I'm usually running to get in there!  I have it on my calendar each week, else I would never get there but I still try to fit one more thing/task/chore into my day, right before I go.  Whether you believe it is God, the universe or your subconscious that guides you, it is so hard for most of us to find the time to just sit quietly and listen.  Put it on your calendar!


Of all of the books I've read to my children over the years, one of my favorites is It's Hard to be Five, by Jamie Lee Curtis and Laura Cornell.  Of course, my youngest doesn't want to hear it, anymore as he is SIX.  The struggles are real for any age!



I stepped out of my comfort zone a week ago and attended a weekend retreat at church.  I wasn't going to go; I have been avoiding it for years.  In my quiet hours at Adoration, I kept hearing a voice telling me that I should go this year but I attributed it to my "guilt voice" as I knew I probably should go but really was not interested.  Finally, just days before, after enough separate people had asked/encouraged/suggested that I go, I relented.  It was lovely, of course, to meet new people and learn more about my faith but what I did not expect was to have quiet time, alone.  This was exactly what I needed and never experience on a normal weekend!

I try to go to Mass on the days the kids have "All School Mass."  It is nice for the kids to see that I go, too and my youngest still enjoys having me there. ;)  But I'm rushing in the mornings, to get them all off to school, give the husband a kiss on the cheek and still make sure I have matching shoes on in time to get there.  Today I was a few minutes late.  Since then however, my day has gone so smoothly.

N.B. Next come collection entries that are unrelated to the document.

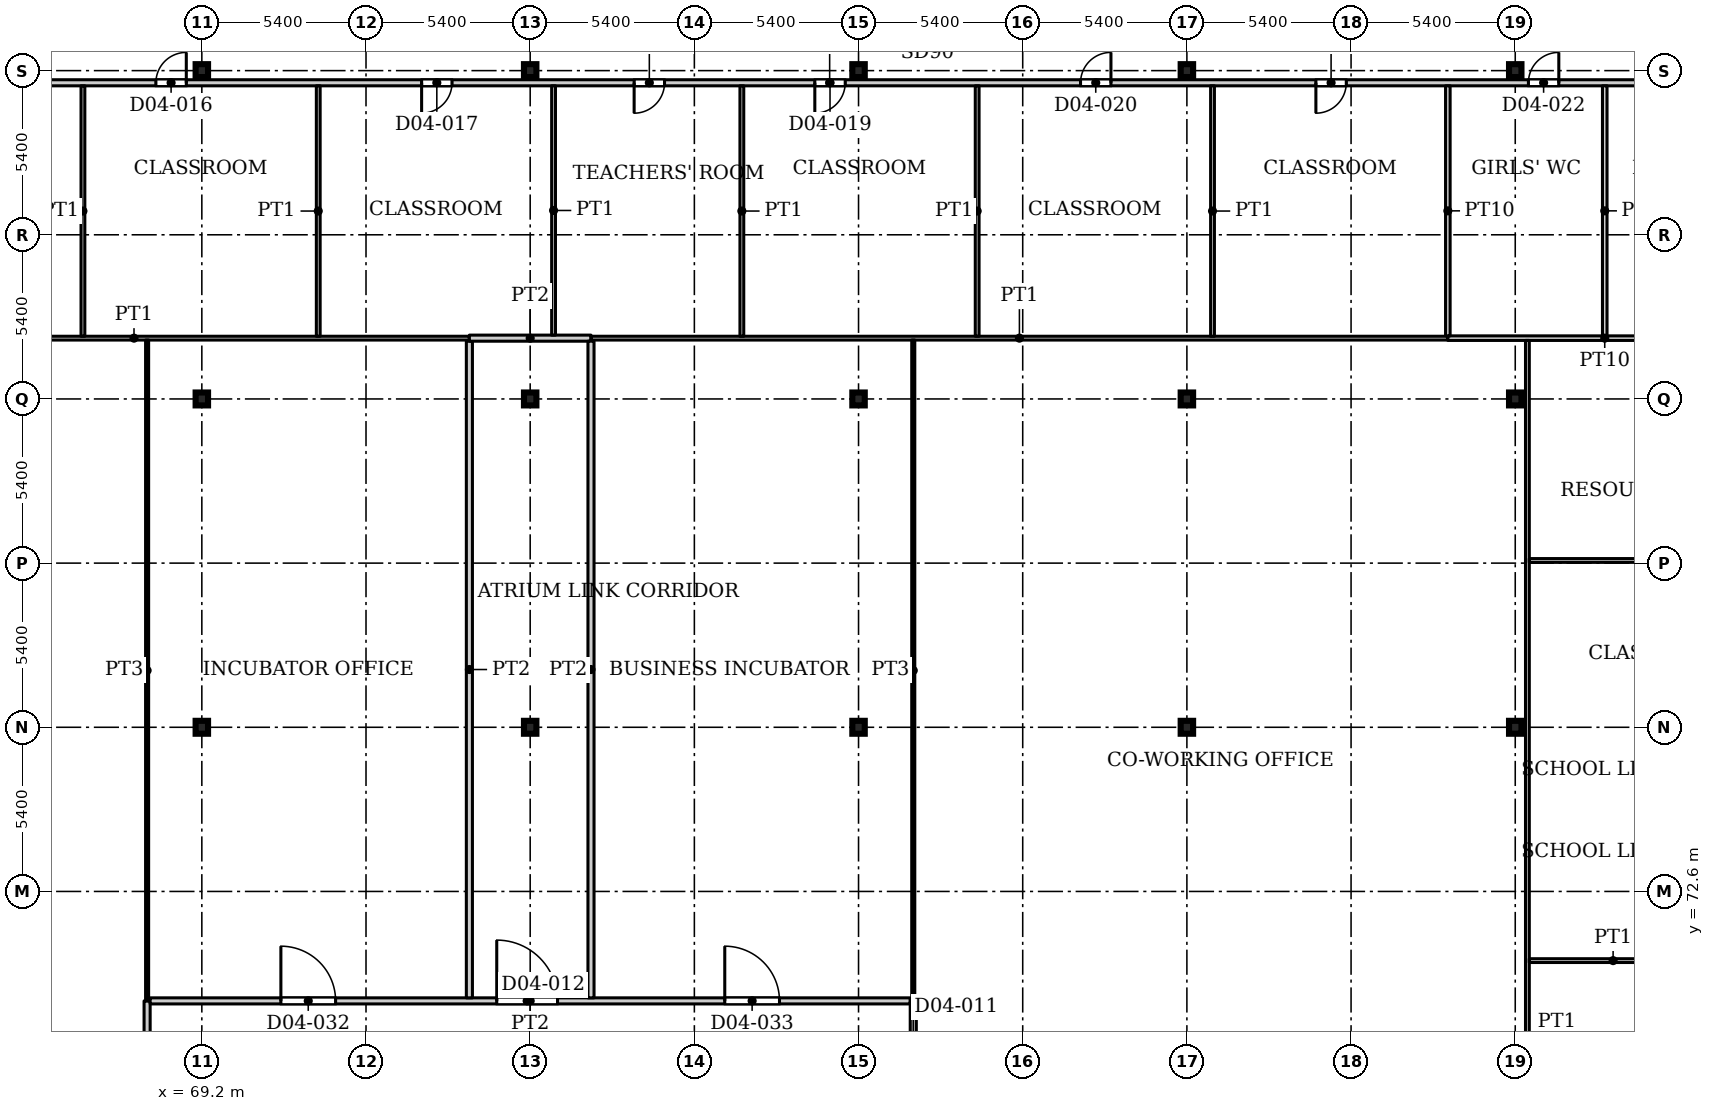
"""IFC4 building model, lengths in metres.
Left out: names, types, materials, properties, quantities, classifications, styles, units other than length and angle.
Written with IfcOpenShell. Run it as: python <this file> out.ifc"""

import sys

from ifc_helpers import new_model, si_unit, direction, frame, frame_2d, origin, origin_2d, place, context, subcontext, project, spatial, rectangle, i_section, extrude, source, transform, mapped, element, fill, save


model = new_model("IFC4")
c1 = context("Model", 3, precision=1e-05, world=origin(), true_north=direction((0.0, 1.0)))
c2 = subcontext(c1, "Body", "Model", "MODEL_VIEW")
j1 = project(units=[si_unit("LENGTHUNIT", "METRE"), si_unit("PLANEANGLEUNIT", "RADIAN")], contexts=[c1])
p1 = place(None, origin())
s1 = spatial("IfcSite", under=j1, at=p1, CompositionType="ELEMENT")
p2 = place(p1, origin())
s2 = spatial("IfcBuilding", under=s1, at=p2, CompositionType="ELEMENT")
p3 = place(p2, frame((0.0, 0.0, 21.5)))
s3 = spatial("IfcBuildingStorey", under=s2, at=p3, CompositionType="ELEMENT", Elevation=21.5)
for number, where, z_axis, x_axis in (
    (1, (69.2, 78.0, 0.0), (0.0, 0.0, 1.0), (1.0, 0.0, 0.0)),
    (2, (80.0, 78.0, 0.0), (0.0, 0.0, 1.0), (1.0, 0.0, 0.0)),
    (3, (90.8, 78.0, 0.0), (0.0, 0.0, 1.0), (1.0, 0.0, 0.0)),
    (4, (101.6, 78.0, 0.0), (0.0, 0.0, 1.0), (1.0, 0.0, 0.0)),
    (5, (112.4, 78.0, 0.0), (0.0, 0.0, 1.0), (1.0, 0.0, 0.0)),
    (6, (69.2, 88.8, 0.0), (0.0, 0.0, 1.0), (1.0, 0.0, 0.0)),
    (7, (80.0, 88.8, 0.0), (0.0, 0.0, 1.0), (1.0, 0.0, 0.0)),
    (8, (90.8, 88.8, 0.0), (0.0, 0.0, 1.0), (1.0, 0.0, 0.0)),
    (9, (101.6, 88.8, 0.0), (0.0, 0.0, 1.0), (1.0, 0.0, 0.0)),
    (10, (112.4, 88.8, 0.0), (0.0, 0.0, 1.0), (1.0, 0.0, 0.0)),
    (11, (69.2, 99.6, 0.0), (0.0, 0.0, 1.0), (1.0, 0.0, 0.0)),
    (12, (80.0, 99.6, 0.0), (0.0, 0.0, 1.0), (1.0, 0.0, 0.0)),
    (13, (90.8, 99.6, 0.0), (0.0, 0.0, 1.0), (1.0, 0.0, 0.0)),
    (14, (101.6, 99.6, 0.0), (0.0, 0.0, 1.0), (1.0, 0.0, 0.0)),
    (15, (112.4, 99.6, 0.0), (0.0, 0.0, 1.0), (1.0, 0.0, 0.0)),
):
    element("IfcColumn", number, at=place(p3, frame(where, z_axis=z_axis, x_axis=x_axis)), inside=s3, PredefinedType="COLUMN", context=c2, shape_type="SweptSolid", body=[
        extrude(i_section(OverallWidth=0.409, OverallDepth=0.425, WebThickness=0.033, FlangeThickness=0.052, FilletRadius=0.013, at=origin_2d()), origin(), (0.0, 0.0, 1.0), 4.5),
    ])
p4 = place(p3, frame((55.938, 90.8, 0.0), z_axis=(0.0, 0.0, 1.0), x_axis=(1.0, 0.0, 0.0)))
e16 = element("IfcWall", 16, at=p4, inside=s3, PredefinedType="PARTITIONING", context=c2, shape_type="SweptSolid", body=[
    extrude(rectangle(XDim=22.062, YDim=0.125, at=frame_2d((11.031, 0.0))), origin(), (0.0, 0.0, 1.0), 4.18),
])
p5 = place(p3, frame((56.1, 99.2, 0.0), z_axis=(0.0, 0.0, 1.0), x_axis=(1.0, 0.0, 0.0)))
e17 = element("IfcWall", 17, at=p5, inside=s3, PredefinedType="PARTITIONING", context=c2, shape_type="SweptSolid", body=[
    extrude(rectangle(XDim=67.5, YDim=0.2, at=frame_2d((33.75, 0.0))), origin(), (0.0, 0.0, 1.0), 4.18),
])
p6 = place(p5, frame((4.05, 0.0, 0.0)))
e18 = element("IfcOpeningElement", 18, at=p6, cuts=e17, PredefinedType="OPENING", context=c2, shape_type="SweptSolid", body=[
    extrude(rectangle(XDim=1.0, YDim=2.1, at=frame_2d((0.5, 1.05))), frame((0.0, 0.11, 0.0), z_axis=(0.0, -1.0, 0.0), x_axis=(1.0, 0.0, 0.0)), (0.0, 0.0, 1.0), 0.22),
])
p7 = place(p5, frame((65.554, 0.0, 0.0)))
e19 = element("IfcOpeningElement", 19, at=p7, cuts=e17, PredefinedType="OPENING", context=c2, shape_type="SweptSolid", body=[
    extrude(rectangle(XDim=1.0, YDim=2.1, at=frame_2d((0.5, 1.05))), frame((0.0, 0.11, 0.0), z_axis=(0.0, -1.0, 0.0), x_axis=(1.0, 0.0, 0.0)), (0.0, 0.0, 1.0), 0.22),
])
p8 = place(p5, frame((11.589, 0.0, 0.0)))
e20 = element("IfcOpeningElement", 20, at=p8, cuts=e17, PredefinedType="OPENING", context=c2, shape_type="SweptSolid", body=[
    extrude(rectangle(XDim=1.0, YDim=2.1, at=frame_2d((0.5, 1.05))), frame((0.0, 0.11, 0.0), z_axis=(0.0, -1.0, 0.0), x_axis=(1.0, 0.0, 0.0)), (0.0, 0.0, 1.0), 0.22),
])
p9 = place(p5, frame((20.329, 0.0, 0.0)))
e21 = element("IfcOpeningElement", 21, at=p9, cuts=e17, PredefinedType="OPENING", context=c2, shape_type="SweptSolid", body=[
    extrude(rectangle(XDim=1.0, YDim=2.1, at=frame_2d((0.5, 1.05))), frame((0.0, 0.11, 0.0), z_axis=(0.0, -1.0, 0.0), x_axis=(1.0, 0.0, 0.0)), (0.0, 0.0, 1.0), 0.22),
])
p10 = place(p5, frame((27.319, 0.0, 0.0)))
e22 = element("IfcOpeningElement", 22, at=p10, cuts=e17, PredefinedType="OPENING", context=c2, shape_type="SweptSolid", body=[
    extrude(rectangle(XDim=1.0, YDim=2.1, at=frame_2d((0.5, 1.05))), frame((0.0, 0.11, 0.0), z_axis=(0.0, -1.0, 0.0), x_axis=(1.0, 0.0, 0.0)), (0.0, 0.0, 1.0), 0.22),
])
p11 = place(p5, frame((33.262, 0.0, 0.0)))
e23 = element("IfcOpeningElement", 23, at=p11, cuts=e17, PredefinedType="OPENING", context=c2, shape_type="SweptSolid", body=[
    extrude(rectangle(XDim=1.0, YDim=2.1, at=frame_2d((0.5, 1.05))), frame((0.0, 0.11, 0.0), z_axis=(0.0, -1.0, 0.0), x_axis=(1.0, 0.0, 0.0)), (0.0, 0.0, 1.0), 0.22),
])
p12 = place(p5, frame((42.002, 0.0, 0.0)))
e24 = element("IfcOpeningElement", 24, at=p12, cuts=e17, PredefinedType="OPENING", context=c2, shape_type="SweptSolid", body=[
    extrude(rectangle(XDim=1.0, YDim=2.1, at=frame_2d((0.5, 1.05))), frame((0.0, 0.11, 0.0), z_axis=(0.0, -1.0, 0.0), x_axis=(1.0, 0.0, 0.0)), (0.0, 0.0, 1.0), 0.22),
])
p13 = place(p5, frame((49.743, 0.0, 0.0)))
e25 = element("IfcOpeningElement", 25, at=p13, cuts=e17, PredefinedType="OPENING", context=c2, shape_type="SweptSolid", body=[
    extrude(rectangle(XDim=1.0, YDim=2.1, at=frame_2d((0.5, 1.05))), frame((0.0, 0.11, 0.0), z_axis=(0.0, -1.0, 0.0), x_axis=(1.0, 0.0, 0.0)), (0.0, 0.0, 1.0), 0.22),
])
p14 = place(p5, frame((56.733, 0.0, 0.0)))
e26 = element("IfcOpeningElement", 26, at=p14, cuts=e17, PredefinedType="OPENING", context=c2, shape_type="SweptSolid", body=[
    extrude(rectangle(XDim=1.0, YDim=2.1, at=frame_2d((0.5, 1.05))), frame((0.0, 0.11, 0.0), z_axis=(0.0, -1.0, 0.0), x_axis=(1.0, 0.0, 0.0)), (0.0, 0.0, 1.0), 0.22),
])
p15 = place(p5, frame((61.394, 0.0, 0.0)))
e27 = element("IfcOpeningElement", 27, at=p15, cuts=e17, PredefinedType="OPENING", context=c2, shape_type="SweptSolid", body=[
    extrude(rectangle(XDim=1.0, YDim=2.1, at=frame_2d((0.5, 1.05))), frame((0.0, 0.11, 0.0), z_axis=(0.0, -1.0, 0.0), x_axis=(1.0, 0.0, 0.0)), (0.0, 0.0, 1.0), 0.22),
])
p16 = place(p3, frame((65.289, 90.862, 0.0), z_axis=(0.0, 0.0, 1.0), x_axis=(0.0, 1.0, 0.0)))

 So many friends of mine who are also mothers say that they purposely get up very early to make sure they have quiet time for reflection before getting everyone else up and on their way.  I haven't been able to do that, yet.  I am not a morning person. I stay up far too late and know that I can send up a few prayers when I finally lay down to sleep.  But the voices and the thoughts and the schedules all assault my brain at once and then it's tough even to fall asleep.  But making time during the day--even if it is running into Mass in the morning, going to Adoration after lunch or just sitting somewhere in my parked car for a few minutes with the radio off--has made all the difference.  Now, once I get to bed, I fall asleep immediately.  I know if I would go to bed a little earlier and get up a little earlier, our mornings could start off much more smoothly.  I am working on that.

Take some time to sit still, today.  Enjoy!